Ruble fixing conundrum sparks new debate on pricing benchmarks
Uncertainty over Russia-linked hedges raises prospect of a replacement for Moscow Exchange fix
When the first Russian tanks crossed the border into Ukraine, the ensuing raft of sanctions sent the ruble into freefall. Banks and investment firms that needed to hedge exposures in the currency instead looked frantically to use US dollar-dominated non-deliverable forwards (NDFs) where possible to avoid handling physical rubles.
But those turning to NDFs have run into trouble of their own. This is because the fixing used to value the contracts, provided by the Moscow Exchange, became detached from where spot was trading in the international market.
On February 28, the difference between the spot prices shown by banks in the ALLQ function on Bloomberg at the time of the Moex fix – 12:35pm Moscow time – was 16%. On March 7 and 8, the fix did not publish at all. On March 10, there was a 12-ruble difference between the NDF fix and the spot rate, off by 10%, and this had come down to around 2% by March 21.
It has left market participants unsure about how to value their Russia-linked hedges. For new trades, market-makers may also find hedging tricky when the spot hedge is trading so far away from the derivative.
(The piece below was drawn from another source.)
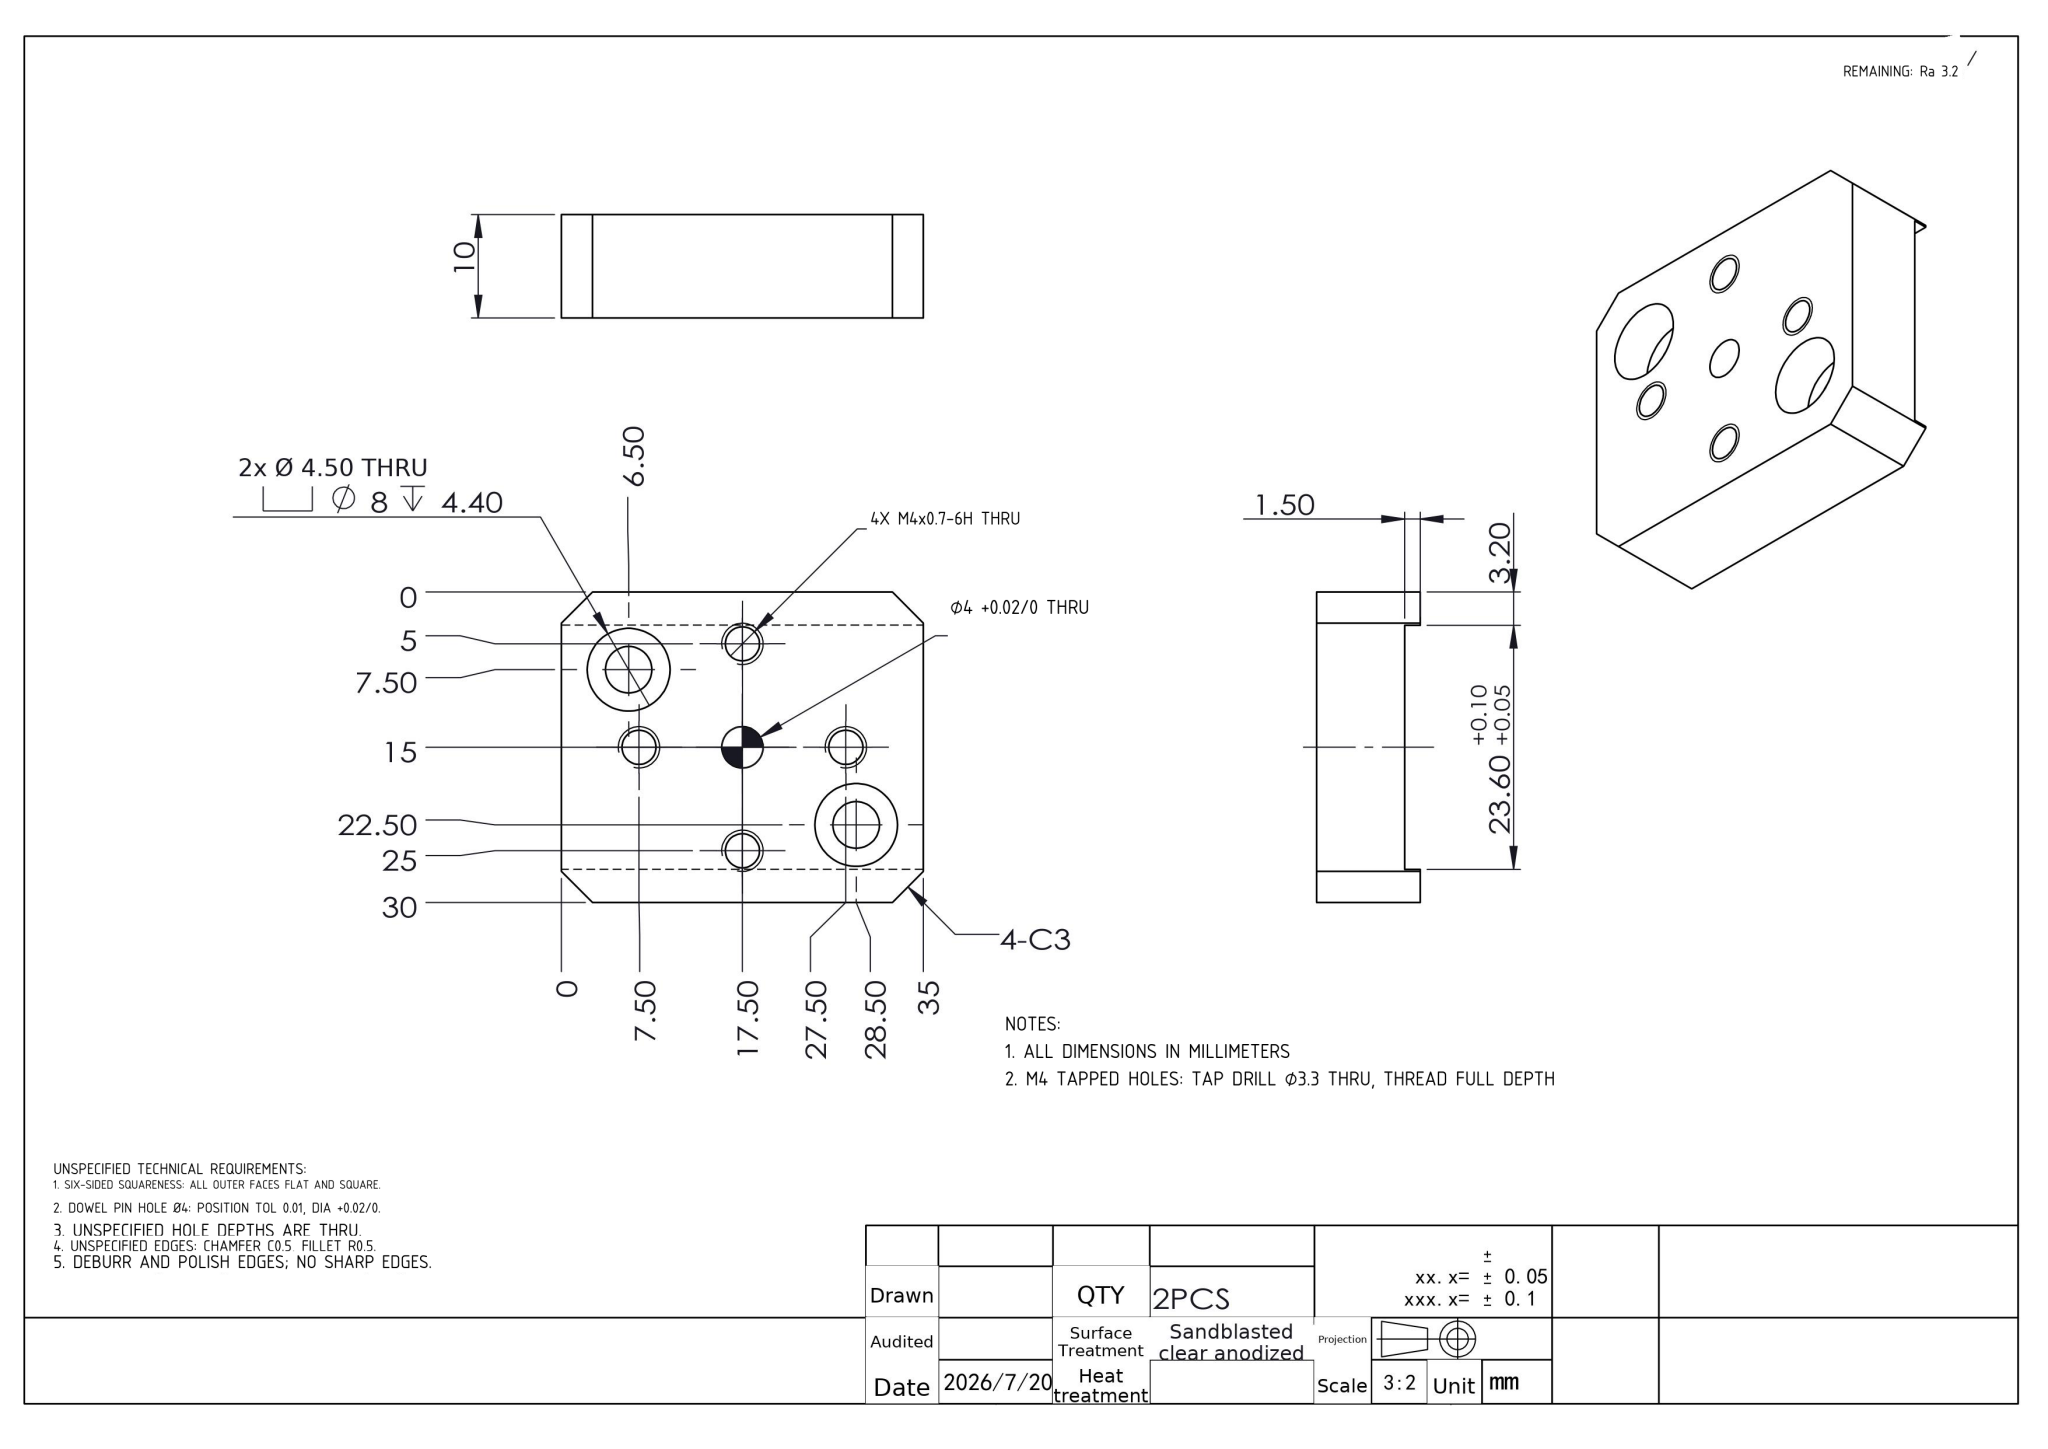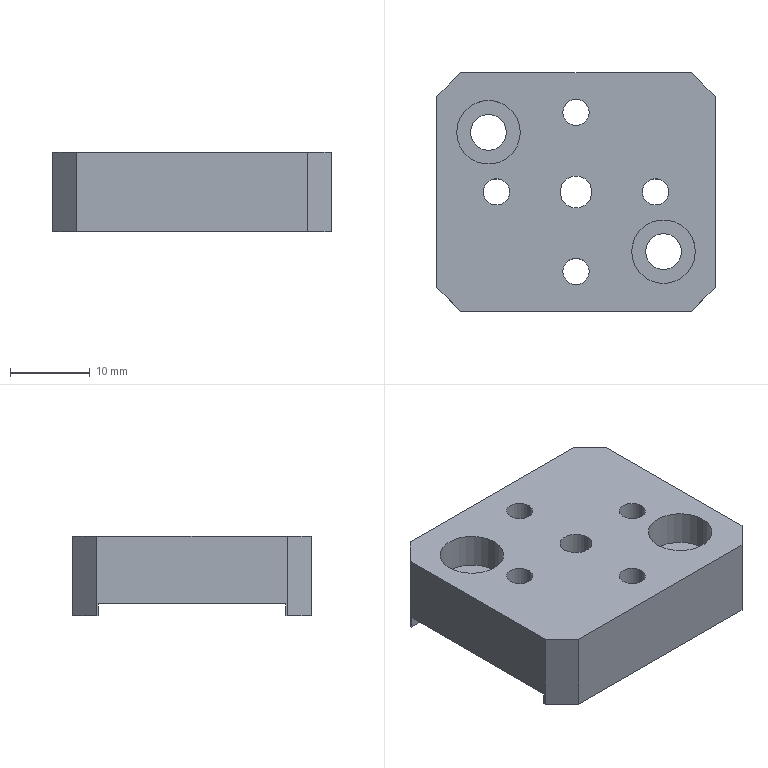Part | NX | mm | 1 solid | 34 faces | box 35 x 30 x 10 mm | volume 8111 mm3 | cylinder 18 | plane 16 | commonest cylinder face diameters 3.3 x8 8 x4 4.5 x4 4 x2

The NDFs don’t appear to provide an easy way out for those worried about the divergence. The contracts, designed by the Emerging Markets Trade Association, include standard language that covers periods where there is no fix – settlement can effectively be paused for a period of up to 14 days until one becomes available. But apart from two days, Moex has been able to produce a fix.
Some Emta contracts feature so-called exchange rate divergence clauses that allow market participants to effectively freeze settlement for a period if onshore and offshore rates diverge sufficiently. But controversy around the application of these clauses when Argentina imposed currency controls led to them being stripped from the applicable NDF contract.
Leslie Payton Jacobs, senior legal counsel and managing director at Emta, confirms that there are no exchange rate divergence clauses in standard US dollar/ruble NDF contracts.
In the meantime, notional volumes and number of trades in USD/RUB NDFs have plummeted. According to the Depository Trust & Clearing Corporation’s swap data repository, notional weekly volumes fell from $15.5 billion for the week ending February 13 to $4.2 billion for the week ending March 13. Similarly, weekly trade count dropped from over 2,700 to roughly 600 over the same period.
A lot of this is likely down to moves by asset managers to dump Russian exposures as their value nosedived and they were removed from various benchmarks that the managers track. Fewer local assets mean fewer FX hedges are required.
But for those that still need to trade the USD/RUB NDF, the question now is whether new trades should reference a benchmark other than the Moex, to reduce the basis between onshore and offshore prices.
Traditional benchmark providers such as Bloomberg and Refinitiv may be up for the task of providing a replacement. There would have to be broad industry agreement on this, however, and it’s not clear at this stage how much interest there is in such a move if the basis is slowly shrinking, or how long such a change might take.